Today as I sat at my computer I suddenly began hearing a vaguely familiar whirring or churning sound.  Oh, no, I thought.  This reminds me of years gone by – ancient times in computer-speak – when my limited computers would grunt and wheeze because they were running out of memory or space or something.  I ran a diagnostic, feeling a bit like Data on Star Trek – or no, I didn’t feel like that at all.  Even when things were going wrong Data always seemed calm and composed.  I felt desperate.  Was my computer going to die?  What should I do?  Should I call in a tech?  Would I have to buy a new computer?

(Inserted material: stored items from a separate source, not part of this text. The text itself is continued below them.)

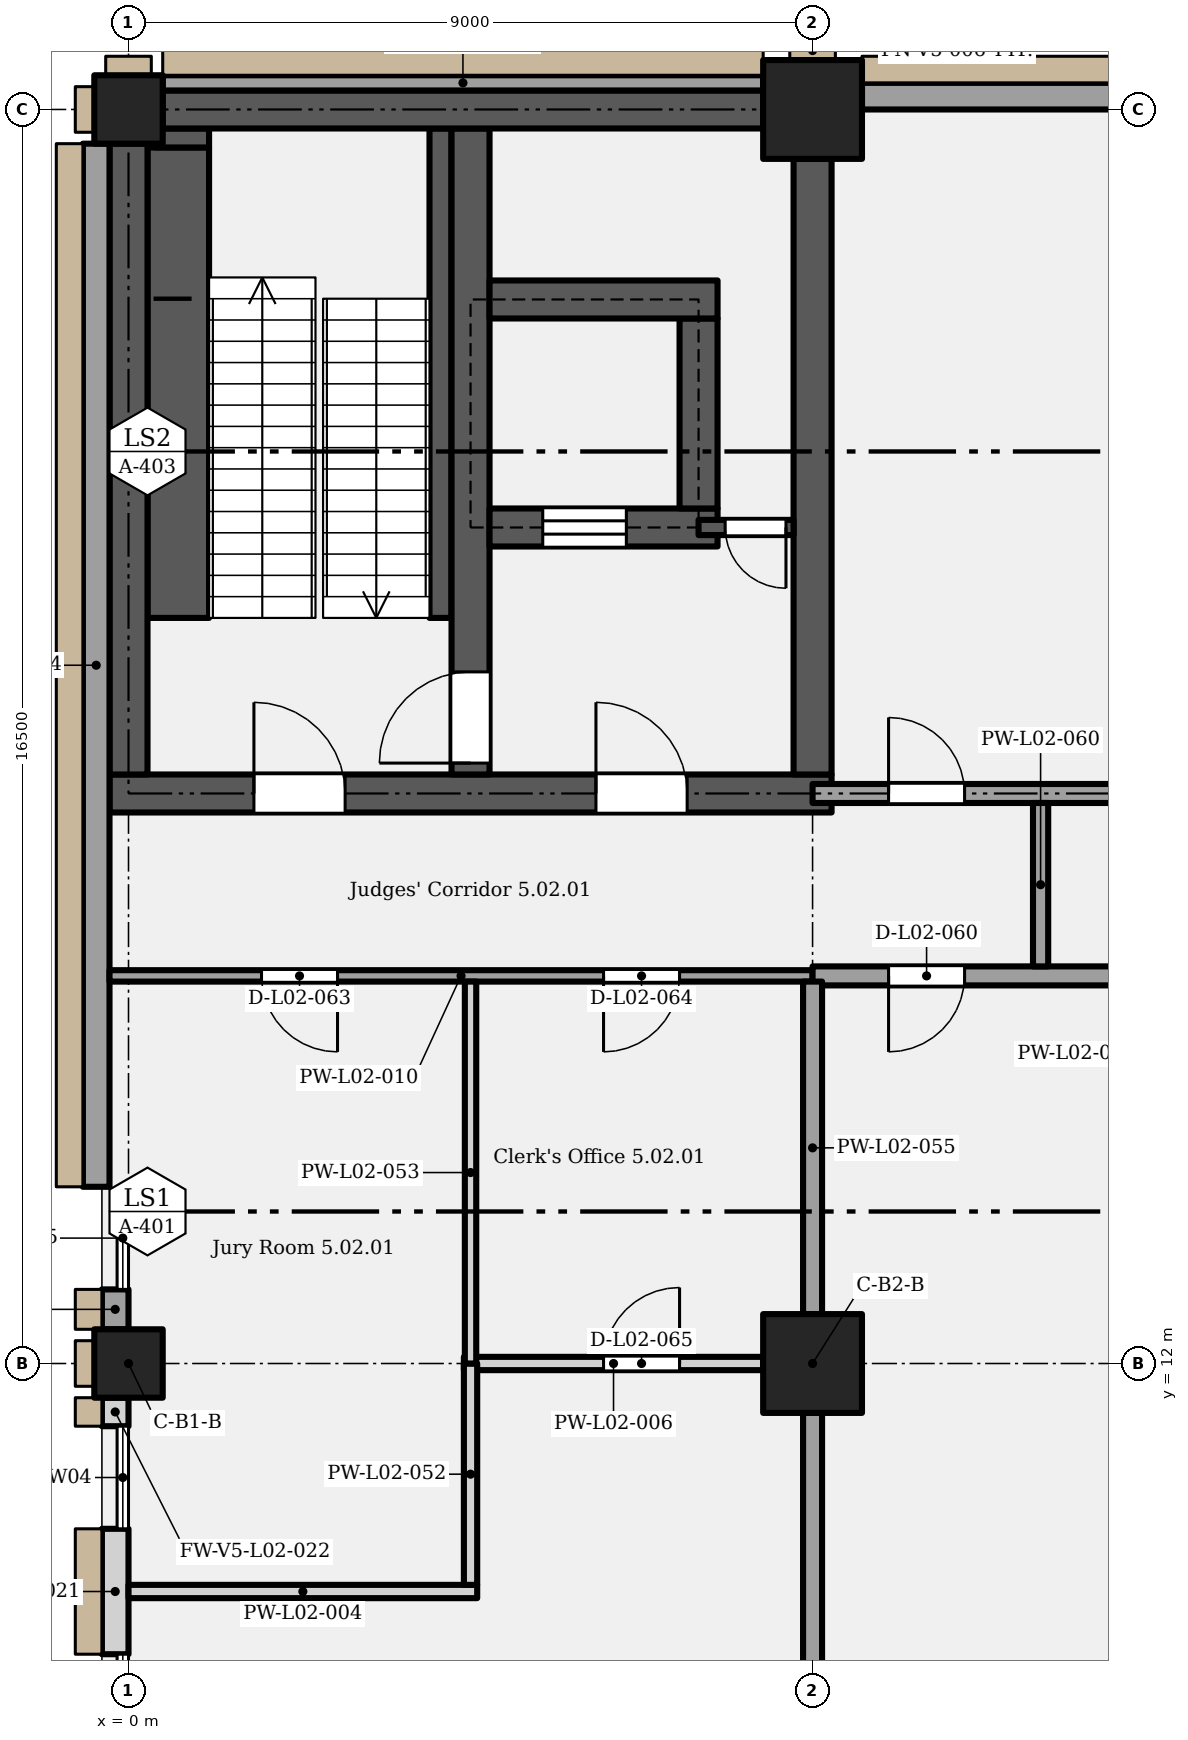
"""IFC4 building model, lengths in metres.
Left out: names, types, materials, properties, quantities, classifications, styles, units other than length and angle.
Written with IfcOpenShell. Run it as: python <this file> out.ifc"""

import sys

from ifc_helpers import new_model, si_unit, direction, frame, frame_2d, origin, origin_2d, place, context, subcontext, project, spatial, rectangle, extrude, element, fill, save


model = new_model("IFC4")
c1 = context("Model", 3, precision=1e-05, world=origin(), true_north=direction((0.0, 1.0)))
c2 = subcontext(c1, "Body", "Model", "MODEL_VIEW")
j1 = project(units=[si_unit("LENGTHUNIT", "METRE"), si_unit("PLANEANGLEUNIT", "RADIAN")], contexts=[c1])
p1 = place(None, origin())
s1 = spatial("IfcSite", under=j1, at=p1, CompositionType="ELEMENT")
p2 = place(p1, origin())
s2 = spatial("IfcBuilding", under=s1, at=p2, CompositionType="ELEMENT")
p3 = place(p2, frame((0.0, 0.0, 12.0)))
s3 = spatial("IfcBuildingStorey", under=s2, at=p3, CompositionType="ELEMENT", Elevation=12.0)
p4 = place(p3, frame((0.0, 12.0, 0.0), z_axis=(0.0, 0.0, 1.0), x_axis=(1.0, 0.0, 0.0)))
e1 = element("IfcColumn", 1, at=p4, inside=s3, PredefinedType="COLUMN", context=c2, shape_type="SweptSolid", body=[
    extrude(rectangle(XDim=0.9, YDim=0.9, at=origin_2d()), origin(), (0.0, 0.0, 1.0), 5.4),
])
p5 = place(p3, frame((9.0, 12.0, 0.0), z_axis=(0.0, 0.0, 1.0), x_axis=(1.0, 0.0, 0.0)))
e2 = element("IfcColumn", 2, at=p5, inside=s3, PredefinedType="COLUMN", context=c2, shape_type="SweptSolid", body=[
    extrude(rectangle(XDim=1.3, YDim=1.3, at=origin_2d()), origin(), (0.0, 0.0, 1.0), 5.4),
])
p6 = place(p3, frame((0.0, 28.5, 0.0), z_axis=(0.0, 0.0, 1.0), x_axis=(1.0, 0.0, 0.0)))
e3 = element("IfcColumn", 3, at=p6, inside=s3, PredefinedType="COLUMN", context=c2, shape_type="SweptSolid", body=[
    extrude(rectangle(XDim=0.9, YDim=0.9, at=origin_2d()), origin(), (0.0, 0.0, 1.0), 5.4),
])
p7 = place(p3, frame((9.0, 28.5, 0.0), z_axis=(0.0, 0.0, 1.0), x_axis=(1.0, 0.0, 0.0)))
e4 = element("IfcColumn", 4, at=p7, inside=s3, PredefinedType="COLUMN", context=c2, shape_type="SweptSolid", body=[
    extrude(rectangle(XDim=1.3, YDim=1.3, at=origin_2d()), origin(), (0.0, 0.0, 1.0), 5.4),
])
p8 = place(p3, frame((-0.25, 19.5, 0.0), z_axis=(0.0, 0.0, 1.0), x_axis=(1.0, 0.0, 0.0)))
e5 = element("IfcWall", 5, at=p8, inside=s3, PredefinedType="SHEAR", context=c2, shape_type="SweptSolid", body=[
    extrude(rectangle(XDim=9.5, YDim=0.5, at=frame_2d((4.75, 0.0))), origin(), (0.0, 0.0, 1.0), 5.15),
])
p9 = place(p8, frame((1.9, 0.0, 0.0)))
e6 = element("IfcOpeningElement", 6, at=p9, cuts=e5, PredefinedType="OPENING", context=c2, shape_type="SweptSolid", body=[
    extrude(rectangle(XDim=1.2, YDim=2.1, at=frame_2d((0.6, 1.05))), frame((0.0, 0.26, 0.0), z_axis=(0.0, -1.0, 0.0), x_axis=(1.0, 0.0, 0.0)), (0.0, 0.0, 1.0), 0.52),
])
p10 = place(p8, frame((6.4, 0.0, 0.0)))
e7 = element("IfcOpeningElement", 7, at=p10, cuts=e5, PredefinedType="OPENING", context=c2, shape_type="SweptSolid", body=[
    extrude(rectangle(XDim=1.2, YDim=2.1, at=frame_2d((0.6, 1.05))), frame((0.0, 0.26, 0.0), z_axis=(0.0, -1.0, 0.0), x_axis=(1.0, 0.0, 0.0)), (0.0, 0.0, 1.0), 0.52),
])
p11 = place(p3, frame((0.0, 19.75, 0.0), z_axis=(0.0, 0.0, 1.0), x_axis=(0.0, 1.0, 0.0)))
e8 = element("IfcWall", 8, at=p11, inside=s3, PredefinedType="SHEAR", context=c2, shape_type="SweptSolid", body=[
    extrude(rectangle(XDim=8.3, YDim=0.5, at=frame_2d((4.15, 0.0))), origin(), (0.0, 0.0, 1.0), 5.15),
])
p12 = place(p3, frame((4.5, 19.75, 0.0), z_axis=(0.0, 0.0, 1.0), x_axis=(0.0, 1.0, 0.0)))
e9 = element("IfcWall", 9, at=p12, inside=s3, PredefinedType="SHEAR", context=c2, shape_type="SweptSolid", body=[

The diagnostic found nothing.  I could still hear the noise, but I was also hearing my room fan, which was doing a reasonable job of keeping me cool (physically if not mentally) on a rare summer’s day in Vancouver.  I thought perhaps I could identify the computer noise better if I turned off the fan.  So I did.  Then I could hear nothing.  It was like one of those childhood movies in which the hero thinks he hears someone walking as he walks, so he stops and there’s nothing; he walks again, and there’s the noise; he stops … and so on.

I felt frustrated.  The forces of the universe were conspiring against me.  They wouldn’t let me hear the computer noise clearly.  I got up and turned the room fan on again.  There was the noise again.  Just like in the movies.

But wait.  I suddenly remembered that the room fan had been bothering me itself recently.  It had been making a periodic whirring, churning sound.  Oh, I thought.  Oh.  I turned off the fan; the noise stopped.  Of course.  And to think I was ready to throw out my computer because something else in my apartment was making a noise.  Sigh.

I remember the last episode of Star Trek: Next Generation.  The Enterprise thinks there’s some alien entity that needs to be rebuffed.  Enterprises of three different eras train their weapons on the entity, but things just get worse and worse until Picard suddenly realizes that their own “defence” against the alien is the real problem.  Turn off all the weapons, he says, and suddenly the problem is solved.

I confess there is a logic issue there: wasn’t there at least some real problem to begin with?  Some real alien entity?  But let that go.  I think of a clever virus from a few years back.  Actually, it wasn’t a virus at all, but a malicious message warning people their computers had a virus and that in order to combat it they would have to take the following steps – which, it turned out, if they did them, actually disabled their computers.

So I am wary of people promoting nostrums for problems that may not even exist.  Just today a friend of mine was talking of a new app (something that could let you order a drink without summoning a waiter) as something that was solving a problem that didn’t exist.  It could put some waiters out of work, though, I thought.

I am wary of solutions when there are no problems, though of course sometimes there are real problems.  Why, there’s this other noise my computer’s been making, and this time, trust me, it’s really coming from the computer: what should I do about it?

Sometimes there are real problems, but sometimes we just need to take a deep breath.